Programmer-yyds opened a new issue, #881:
URL: https://github.com/apache/poi/issues/881

   **Description**
    When reading embedded images in an XLSX file, if the image size and count 
are both large, calling `XSSFPicture.getPictureData()` will immediately load 
the entire image into memory (`byte[]`).
    This quickly consumes heap space and leads to an `OutOfMemoryError`.
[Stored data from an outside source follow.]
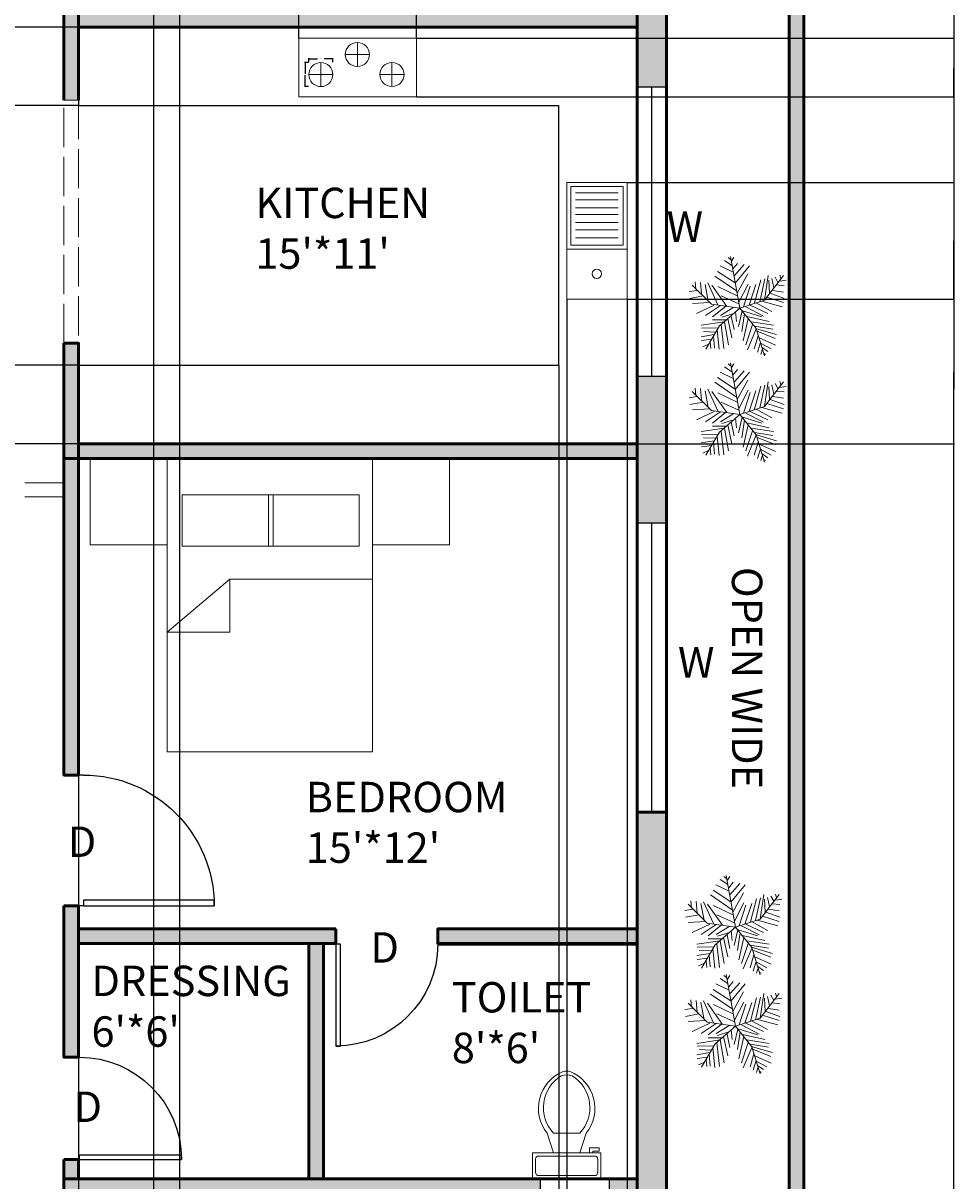
# Model space of a CAD drawing. Units: inches. Extents: x 2024 to 2594, y 643 to 1604.
# Tile 3 of 4: x 2309 to 2594, y 865 to 1219. Entities that reach past the tile are written whole.
import ezdxf

# ---------------------------------------------------------------- set-up
doc = ezdxf.new("R2010")
doc.units = ezdxf.units.IN
doc.linetypes.add('ACAD_ISO02W100', pattern=[15, 12, -3])
for name, color, linetype, lineweight in [('A-ANNO-DIMS', 2, 'Continuous', 18), ('A-ANNO-TEXT', 7, 'Continuous', 18), ('A-AREA-IDEN', 7, 'Continuous', 25), ('A-EQPM', 8, 'Continuous', 18), ('A-FLOR-CASE', 30, 'Continuous', 25), ('A-FLOR-FIXT', 8, 'Continuous', 18), ('A-WALL-OVHD', 50, 'ACAD_ISO02W100', 18), ('A-WALL-PATT', 50, 'Continuous', 13), ('C-PROP', 7, 'Continuous', 35), ('DOOR', 240, 'Continuous', 25), ('FUR', 212, 'Continuous', 18), ('TREE', 102, 'Continuous', 18), ('WALL', 50, 'Continuous', 50), ('WIN', 140, 'Continuous', 25)]:
    doc.layers.add(name, color=color, linetype=linetype, lineweight=lineweight)
doc.styles.get("Standard").update_dxf_attribs({"font": 'arial.ttf'})
doc.dimstyles.get("Standard").update_dxf_attribs({"dimtxt": 0.18, "dimasz": 0.18, "dimexe": 0.18, "dimexo": 0.0625, "dimgap": 0.09, "dimtad": 0, "dimtih": 1, "dimtoh": 1, "dimdec": 4, "dimzin": 0, "dimdsep": 46, "dimtxsty": 'Standard', "dimcen": 0.09, "dimadec": 0, "dimazin": 0, "dimtfac": 1, "dimtdec": 4, "dimtofl": 0, "dimtmove": 0, "dimatfit": 3, "dimfxl": 1, "dimtolj": 1, "dimtzin": 0, "dimarcsym": 0})

# ---------------------------------------------------------------- blocks, each defined once
blk = doc.blocks.new('*U4')
for p, q in [((9.5, -6), (9.5, -2)), ((-10, -8.5), (-8, -8.5)), ((-10, -9.5), (-10, -8.5)), ((-7, -9.5), (-10, -9.5)), ((-8, -8.5), (-8, -8)), ((-7, -8), (-7, -9.5)), ((-4, -8), (-6, -14)), ((4, -8), (6, -14)), ((4, -14), (-4, -14))]:
    blk.add_line(p, q)
blk.add_lwpolyline([(10.5, -8), (10.5, 0), (-10.5, 0), (-10.5, -8)], close=True)
for points in [[(-9.5, -2), (-9.5, -6)], [(8.5, -1), (-8.5, -1)], [(-8.5, -7), (8.5, -7)]]:
    blk.add_lwpolyline(points)
for centre, radius, start, end in [((-8.62, -1.88), 0.884, 81.8699, 188.1301), ((8.62, -1.88), 0.884, 351.8699, 98.1301), ((-8.62, -6.12), 0.884, 171.8699, 278.1301), ((8.62, -6.12), 0.884, 261.8699, 8.1301), ((3.52, -21.58), 12.17, 141.4691, 247.9714), ((4.2, -21.82), 11.33, 136.3677, 238.9468), ((-3.52, -21.58), 12.17, 292.0284, 38.5307), ((-4.2, -21.82), 11.33, 301.053, 43.6321), ((0, -27.88), 4, 245.7318, 294.2682), ((0, -29), 4, 254.8605, 285.1395)]:
    blk.add_arc(centre, radius, start, end)
blk = doc.blocks.new('*U2')
for p, q in [((0, 0), (0, -6)), ((40, 0), (40, -6))]:
    blk.add_line(p, q)
blk.add_lwpolyline([(0, 0), (0, 40), (1.75, 40), (1.75, 0)], close=True)
blk.add_arc((0, 0), 40, 0, 90)
blk = doc.blocks.new('*U6')
for p, q in [((-8.737, 47.138), (-17.069, 52.711)), ((-10.186, 53.64), (-13.084, 55.962)), ((0, 0), (-10.5, 57)), ((-9.099, 51.782), (-6.563, 55.962)), ((-5.114, 28.097), (-24.676, 40.636)), ((-7.288, 39.707), (-21.778, 46.673)), ((-7.65, 43.423), (-2.578, 49.46)), ((-5.839, 35.992), (4.667, 48.067)), ((-5.114, 27.632), (10.463, 46.673)), ((-48.585, 21.131), (-49.309, 29.026)), ((-43.513, 28.561), (-42.427, 15.558)), ((-38.442, 26.239), (-34.819, 7.663)), ((-35.544, 28.097), (-24.314, 3.947)), ((-3.665, 19.273), (-27.574, 35.527)), ((-2.941, 16.486), (8.652, 37.85)), ((-1.129, 6.734), (9.014, 26.704)), ((10.101, 3.483), (17.708, 26.239)), ((16.259, 5.805), (23.142, 31.348)), ((22.055, 7.198), (27.489, 32.277)), ((27, 9), (48, 36)), ((27.127, 9.056), (31.112, 35.992)), ((31.836, 30.883), (32.561, 16.486)), ((35.096, 32.741), (37.27, 22.524)), ((38.719, 34.134), (41.979, 28.561)), ((40.53, 25.775), (48.862, 24.846)), ((43.791, 29.954), (51.036, 30.883)), ((44.153, 36.456), (45.239, 32.741)), ((-47.498, 19.737), (-55.83, 18.344)), ((-40.615, 13.7), (-55.105, 10.913)), ((-31.5, 4.5), (-52.5, 25.5)), ((-14.533, 2.09), (-30.834, 25.31)), ((-24.314, 23.917), (-2.941, 13.7)), ((-20.691, 13.7), (-1.129, 4.876)), ((3.942, 1.625), (11.187, 24.381)), ((33.285, 16.486), (48.862, 10.913)), ((36.183, 19.737), (48.137, 17.88)), ((-33.37, 6.269), (-52.207, 5.34)), ((-28.299, 3.483), (-47.86, -5.805)), ((-21.416, 3.018), (-38.079, -8.128)), ((0, 0), (-31.5, 4.5)), ((-15.982, 2.09), (-30.11, -9.521)), ((0, 0), (-22.5, -19.5)), ((-6.563, 1.161), (-21.416, -8.128)), ((0, 0), (27, 9)), ((0, 0), (18, -22.5)), ((6.478, 1.625), (26.04, -8.592)), ((11.187, 3.483), (30.749, -5.805)), ((18.07, 5.805), (35.096, -3.483)), ((24.229, 7.663), (46.688, 1.625)), ((29.662, 12.307), (48.137, 6.269)), ((-6.563, -5.805), (-19.967, -9.985)), ((-13.446, -11.378), (-8.737, -32.741)), ((-9.461, -8.592), (-6.201, -23.453)), ((-4.752, -3.483), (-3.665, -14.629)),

    In multi-threaded batch reading, the problem is worse because memory usage 
grows linearly with the number of threads.
   
   ------
   
   **Use Case**
    In real-world business scenarios, we often need to associate image data 
with other columns in the same row. For example:
   
   - Column A: Product ID
   - Column B: Product Name
   - Column C: Product Image
   
   When parsing, we need to accurately locate the image using its **row number 
and column number**, and combine it with the text or numeric columns in the 
same row to form a complete business record.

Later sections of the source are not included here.